Confronting malaria from all sides

November 6, 2012 by PATH

With more effective prevention, diagnosis, and treatment, we can make great progress toward eliminating malaria

PATH-pioneered approaches to malaria control and elimination have helped save 6.2 million lives over 15 years. Photo: PATH/Gabe Bienczycki.

With more effective prevention, diagnosis, and treatment, we can make great progress toward eliminating malaria

At PATH, we know that there is no single solution to combating a complex infectious disease like malaria. The first step of our multipronged approach includes supporting country partners in their efforts to strengthen prevention, diagnosis, and treatment. We're working with country partners to scale up interventions and to develop new prevention, diagnostic, and treatment methods to accelerate progress toward elimination.

Scaling up prevention

The world has made dramatic progress in controlling malaria thanks in part to a malaria control model led by African countries with support from PATH. Since 2000, the number of new malaria cases has declined by 37 percent globally, and deaths from malaria have fallen by 58 percent, saving an estimated 6.2 million lives over the course of 15 years.

PATH is working with country partners to expand the reach of proven malaria control tools, such as bednets and household spraying. In order to track progress and make data more accessible to local decision-makers, we're working with countries to enhance malaria surveillance. In Zambia, tactics employed by PATH and our partners helped cut the rate of malaria in half in two years among children under age five.

Improving quality of care for those with malaria

To improve care for people infected with malaria, we work with partner countries to achieve high nationwide coverage of accurate diagnosis and appropriate treatment. As the leader of the MalariaCare partnership, we focus these efforts across 15 countries in Africa and Southeast Asia. Our approach includes:

  • Expanding the use of high-quality diagnostics, including rapid diagnostic tests and laboratory-based microscopy.
  • Providing training and mentorship of laboratory, clinic, and community-based health workers, so that they can more effectively manage malaria cases and other types of fever-causing illness.
  • Helping countries transition to electronic information systems to make data more accessible for decision-making.
  • Facilitating partnerships with the private sector to increase access to high-quality malaria care.

For example, training, supervision, and mentorship have helped health providers in the Democratic Republic of the Congo and Tanzania provide high-quality malaria case management services. In Ghana, a training and mentorship program is teaching community health workers how to treat not only malaria, but other illnesses that involve fever. In addition to ensuring that people are treated appropriately, the effort will reduce overuse of—and resistance to—malaria drugs.

Other PATH efforts to improve delivery of care include work to prevent malaria in pregnancy, which can cause miscarriage, and to optimize supply chains and health systems.

Enhancing diagnostics

PATH is working to speed up access to effective, affordable, and highly sensitive diagnostic tools that detect malaria among people who show few or no symptoms of infection, especially in areas that are very close to malaria elimination.

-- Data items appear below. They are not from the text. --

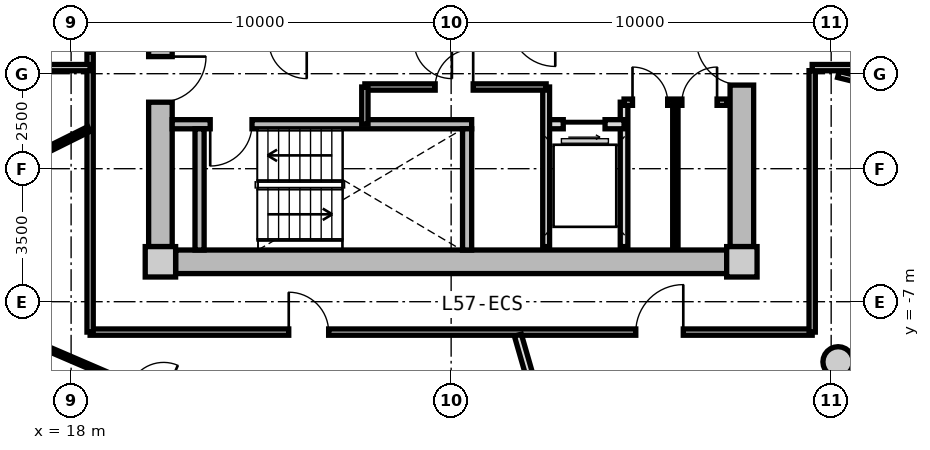
"""IFC4 building model, lengths in metres.
Left out: names, types, materials, properties, quantities, classifications, styles, units other than length and angle.
Written with IfcOpenShell. Run it as: python <this file> out.ifc"""

import sys

from ifc_helpers import new_model, si_unit, direction, frame, frame_2d, origin, origin_2d, place, context, subcontext, project, spatial, rectangle, circle, extrude, source, transform, mapped, element, fill, save


model = new_model("IFC4")
c1 = context("Model", 3, precision=1e-05, world=origin(), true_north=direction((0.0, 1.0)))
c2 = subcontext(c1, "Body", "Model", "MODEL_VIEW")
j1 = project(units=[si_unit("LENGTHUNIT", "METRE"), si_unit("PLANEANGLEUNIT", "RADIAN")], contexts=[c1])
p1 = place(None, origin())
s1 = spatial("IfcSite", under=j1, at=p1, CompositionType="ELEMENT")
p2 = place(p1, origin())
s2 = spatial("IfcBuilding", under=s1, at=p2, CompositionType="ELEMENT")
p3 = place(p2, frame((0.0, 0.0, 183.1)))
s3 = spatial("IfcBuildingStorey", under=s2, at=p3, CompositionType="ELEMENT", Elevation=183.1)
m1 = source(origin(), c2, "Body", "SweptSolid", [
    extrude(rectangle(XDim=0.8, YDim=0.8, at=origin_2d()), origin(), (0.0, 0.0, 1.0), 3.05),
])
for number, where, z_axis, x_axis in (
    (1, (20.35, -5.95, 0.0), (0.0, 0.0, 1.0), (1.0, 0.0, 0.0)),
    (2, (35.65, -5.95, 0.0), (0.0, 0.0, 1.0), (1.0, 0.0, 0.0)),
):
    element("IfcColumn", number, at=place(p3, frame(where, z_axis=z_axis, x_axis=x_axis)), inside=s3, PredefinedType="COLUMN", context=c2, shape_type="MappedRepresentation", body=[
        mapped(m1, transform((0.0, 0.0, 0.0), x_axis=(1.0, 0.0, 0.0), y_axis=(0.0, 1.0, 0.0), z_axis=(0.0, 0.0, 1.0), scale=1.0)),
    ])
m2 = source(origin(), c2, "Body", "SweptSolid", [
    extrude(rectangle(XDim=14.5, YDim=0.62, at=frame_2d((7.25, 0.0))), origin(), (0.0, 0.0, 1.0), 2.73),
])
p4 = place(p3, frame((35.25, -5.95, 0.0), z_axis=(0.0, 0.0, 1.0), x_axis=(-1.0, 0.0, 0.0)))
e3 = element("IfcWall", 3, at=p4, inside=s3, PredefinedType="SHEAR", context=c2, shape_type="MappedRepresentation", body=[
    mapped(m2, transform((0.0, 0.0, 0.0), x_axis=(1.0, 0.0, 0.0), y_axis=(0.0, 1.0, 0.0), z_axis=(0.0, 0.0, 1.0), scale=1.0)),
])
m3 = source(origin(), c2, "Body", "SweptSolid", [
    extrude(rectangle(XDim=11.1, YDim=0.62, at=frame_2d((5.55, 0.0))), origin(), (0.0, 0.0, 1.0), 2.73),
])
p5 = place(p3, frame((20.35, -5.55, 0.0), z_axis=(0.0, 0.0, 1.0), x_axis=(0.0, 1.0, 0.0)))
e4 = element("IfcWall", 4, at=p5, inside=s3, PredefinedType="SHEAR", context=c2, shape_type="MappedRepresentation", body=[
    mapped(m3, transform((0.0, 0.0, 0.0), x_axis=(1.0, 0.0, 0.0), y_axis=(0.0, 1.0, 0.0), z_axis=(0.0, 0.0, 1.0), scale=1.0)),
])
p6 = place(p5, frame((3.8, 0.0, 0.0)))
e5 = element("IfcOpeningElement", 5, at=p6, cuts=e4, PredefinedType="OPENING", context=c2, shape_type="SweptSolid", body=[
    extrude(rectangle(XDim=1.2, YDim=2.15, at=frame_2d((0.6, 1.075))), frame((0.0, 0.32, 0.0), z_axis=(0.0, -1.0, 0.0), x_axis=(1.0, 0.0, 0.0)), (0.0, 0.0, 1.0), 0.64),
])
p7 = place(p3, frame((35.65, 5.55, 0.0), z_axis=(0.0, 0.0, 1.0), x_axis=(0.0, -1.0, 0.0)))
e6 = element("IfcWall", 6, at=p7, inside=s3, PredefinedType="SHEAR", context=c2, shape_type="MappedRepresentation", body=[
    mapped(m3, transform((0.0, 0.0, 0.0), x_axis=(1.0, 0.0, 0.0), y_axis=(0.0, 1.0, 0.0), z_axis=(0.0, 0.0, 1.0), scale=1.0)),
])
p8 = place(p7, frame((5.65, 0.0, 0.0)))
e7 = element("IfcOpeningElement", 7, at=p8, cuts=e6, PredefinedType="OPENING", context=c2, shape_type="SweptSolid", body=[
    extrude(rectangle(XDim=1.2, YDim=2.15, at=frame_2d((0.6, 1.075))), frame((0.0, 0.32, 0.0), z_axis=(0.0, -1.0, 0.0), x_axis=(1.0, 0.0, 0.0)), (0.0, 0.0, 1.0), 0.64),
])
m4 = source(origin(), c2, "Body", "SweptSolid", [
    extrude(circle(Radius=0.4, at=origin_2d()), origin(), (0.0, 0.0, 1.0), 3.05),
])
p9 = place(p3, frame((38.183, -8.584, 0.0), z_axis=(0.0, 0.0, 1.0), x_axis=(1.0, 0.0, 0.0)))
e8 = element("IfcColumn", 8, at=p9, inside=s3, PredefinedType="COLUMN", context=c2, shape_type="MappedRepresentation", body=[
    mapped(m4, transform((0.0, 0.0, 0.0), x_axis=(1.0, 0.0, 0.0), y_axis=(0.0, 1.0, 0.0), z_axis=(0.0, 0.0, 1.0), scale=1.0)),
])
m5 = source(origin(), c2, "Body", "SweptSolid", [
    extrude(rectangle(XDim=7.88, YDim=0.24, at=frame_2d((3.94, 0.0))), origin(), (0.0, 0.0, 1.0), 2.73),
])
p10 = place(p3, frame((20.66, -2.33, 0.0), z_axis=(0.0, 0.0, 1.0), x_axis=(1.0, 0.0, 0.0)))
e9 = element("IfcWall", 9, at=p10, inside=s3, PredefinedType="PARTITIONING", context=c2, shape_type="MappedRepresentation", body=[
    mapped(m5, transform((0.0, 0.0, 0.0), x_axis=(1.0, 0.0, 0.0), y_axis=(0.0, 1.0, 0.0), z_axis=(0.0, 0.0, 1.0), scale=1.0)),
])
p11 = place(p10, frame((1.0, 0.0, 0.0)))
e10 = element("IfcOpeningElement", 10, at=p11, cuts=e9, PredefinedType="OPENING", context=c2, shape_type="SweptSolid", body=[
    extrude(rectangle(XDim=1.1, YDim=2.15, at=frame_2d((0.55, 1.075))), frame((0.0, 0.13, 0.0), z_axis=(0.0, -1.0, 0.0), x_axis=(1.0, 0.0, 0.0)), (0.0, 0.0, 1.0), 0.26),
])
m6 = source(origin(), c2, "Body", "SweptSolid", [
    extrude(rectangle(XDim=3.19, YDim=0.24, at=frame_2d((1.595, 0.0))), origin(), (0.0, 0.0, 1.0), 2.73),
])
for number, where, z_axis, x_axis in (
    (11, (21.38, -5.64, 0.0), (0.0, 0.0, 1.0), (0.0, 1.0, 0.0)),
    (12, (28.42, -5.64, 0.0), (0.0, 0.0, 1.0), (0.0, 1.0, 0.0)),
):
    element("IfcWall", number, at=place(p3, frame(where, z_axis=z_axis, x_axis=x_axis)), inside=s3, PredefinedType="PARTITIONING", context=c2, shape_type="MappedRepresentation", body=[
        mapped(m6, transform((0.0, 0.0, 0.0), x_axis=(1.0, 0.0, 0.0), y_axis=(0.0, 1.0, 0.0), z_axis=(0.0, 0.0, 1.0), scale=1.0)),
    ])
m7 = source(origin(), c2, "Body", "SweptSolid", [
    extrude(rectangle(XDim=3.8, YDim=0.2, at=frame_2d((1.9, 0.0))), origin(), (0.0, 0.0, 1.0), 2.715),
])
p12 = place(p3, frame((32.55, -5.55, 0.0), z_axis=(0.0, 0.0, 1.0), x_axis=(0.0, 1.0, 0.0)))
e13 = element("IfcWall", 13, at=p12, inside=s3, PredefinedType="PARTITIONING", context=c2, shape_type="MappedRepresentation", body=[
    mapped(m7, transform((0.0, 0.0, 0.0), x_axis=(1.0, 0.0, 0.0), y_axis=(0.0, 1.0, 0.0), z_axis=(0.0, 0.0, 1.0), scale=1.0)),
])
m8 = source(origin(), c2, "Body", "SweptSolid", [
    extrude(rectangle(XDim=2.05, YDim=0.24, at=frame_2d((1.025, 0.0))), origin(), (0.0, 0.0, 1.0), 2.715),
])
p13 = place(p3, frame((30.5, -2.33, 0.0), z_axis=(0.0, 0.0, 1.0), x_axis=(1.0, 0.0, 0.0)))
e14 = element("IfcWall", 14, at=p13, inside=s3, PredefinedType="PARTITIONING", context=c2, shape_type="MappedRepresentation", body=[
    mapped(m8, transform((0.0, 0.0, 0.0), x_axis=(1.0, 0.0, 0.0), y_axis=(0.0, 1.0, 0.0), z_axis=(0.0, 0.0, 1.0), scale=1.0)),
])
p14 = place(p13, frame((0.45, 0.0, 0.0)))
e15 = element("IfcOpeningElement", 15, at=p14, cuts=e14, PredefinedType="OPENING", context=c2, shape_type="SweptSolid", body=[
    extrude(rectangle(XDim=1.1, YDim=2.2, at=frame_2d((0.55, 1.1))), frame((0.0, 0.13, 0.0), z_axis=(0.0, -1.0, 0.0), x_axis=(1.0, 0.0, 0.0)), (0.0, 0.0, 1.0), 0.26),
])
m9 = source(origin(), c2, "Body", "SweptSolid", [
    extrude(rectangle(XDim=4.2, YDim=0.18, at=frame_2d((2.1, 0.0))), origin(), (0.0, 0.0, 1.0), 2.715),
])
p15 = place(p3, frame((30.5, -5.55, 0.0), z_axis=(0.0, 0.0, 1.0), x_axis=(0.0, 1.0, 0.0)))
e16 = element("IfcWall", 16, at=p15, inside=s3, PredefinedType="PARTITIONING", context=c2, shape_type="MappedRepresentation", body=[
    mapped(m9, transform((0.0, 0.0, 0.0), x_axis=(1.0, 0.0, 0.0), y_axis=(0.0, 1.0, 0.0), z_axis=(0.0, 0.0, 1.0), scale=1.0)),
])
m10 = source(origin(), c2, "Body", "SweptSolid", [
    extrude(rectangle(XDim=4.77, YDim=0.165, at=frame_2d((2.385, 0.0))), origin(), (0.0, 0.0, 1.0), 2.715),
])
p16 = place(p3, frame((25.73, -1.35, 0.0), z_axis=(0.0, 0.0, 1.0), x_axis=(1.0, 0.0, 0.0)))
e17 = element("IfcWall", 17, at=p16, inside=s3, PredefinedType="PARTITIONING", context=c2, shape_type="MappedRepresentation", body=[
    mapped(m10, transform((0.0, 0.0, 0.0), x_axis=(1.0, 0.0, 0.0), y_axis=(0.0, 1.0, 0.0), z_axis=(0.0, 0.0, 1.0), scale=1.0)),
])
p17 = place(p16, frame((1.85, 0.0, 0.0)))
e18 = element("IfcOpeningElement", 18, at=p17, cuts=e17, PredefinedType="OPENING", context=c2, shape_type="SweptSolid", body=[
    extrude(rectangle(XDim=1.0, YDim=2.1, at=frame_2d((0.5, 1.05))), frame((0.0, 0.093, 0.0), z_axis=(0.0, -1.0, 0.0), x_axis=(1.0, 0.0, 0.0)), (0.0, 0.0, 1.0), 0.185),
])
m11 = source(origin(), c2, "Body", "SweptSolid", [
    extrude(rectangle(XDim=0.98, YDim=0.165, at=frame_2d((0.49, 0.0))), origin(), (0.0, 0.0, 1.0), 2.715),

We're also developing new diagnostic tests that will guide proper treatment. In our quest to rid the world of malaria, we're focusing not only on diagnosis of the deadliest strain of the disease—Plasmodium falciparum—but also on the more widespread strain Plasmodium vivax. Common in Asia, Latin America, and East Africa, P. vivax is the most difficult form of malaria to eliminate because it causes recurring illness, which perpetuates the cycle of infection. All malaria parasites in the body must be killed to stop this cycle.

To complicate matters, treatment with certain drugs commonly used to treat P. vivax is often harmful to people with a common, hereditary enzyme deficiency. To improve safe and effective treatment, we're developing point-of-care diagnostic tests to identify this genetic trait, called glucose-6-phosphate dehydrogenase (G6PD) deficiency.

Ensuring a stable supply of antimalarial drugs

Finally, millions more people are now benefiting from the gold-standard malaria treatment, thanks to a global partnership convened by PATH to create a stable, high-quality source of the key ingredient in artemisinin-based combination therapies. Artemisinin is derived from the sweet wormwood plant, which is mainly cultivated in Asia. Historically, supply of plant-derived artemisinin has not always kept pace with demand.

Semisynthetic artemisinin complements the botanical supply, helping to strengthen the supply chain, stabilize pricing, and ensure access to treatment. Enough semisynthetic artemisinin can be produced each year to meet one-third of the total global need. In the first year after its introduction, 39 million malaria treatments with semisynthetic artemisinin were shipped to 23 countries.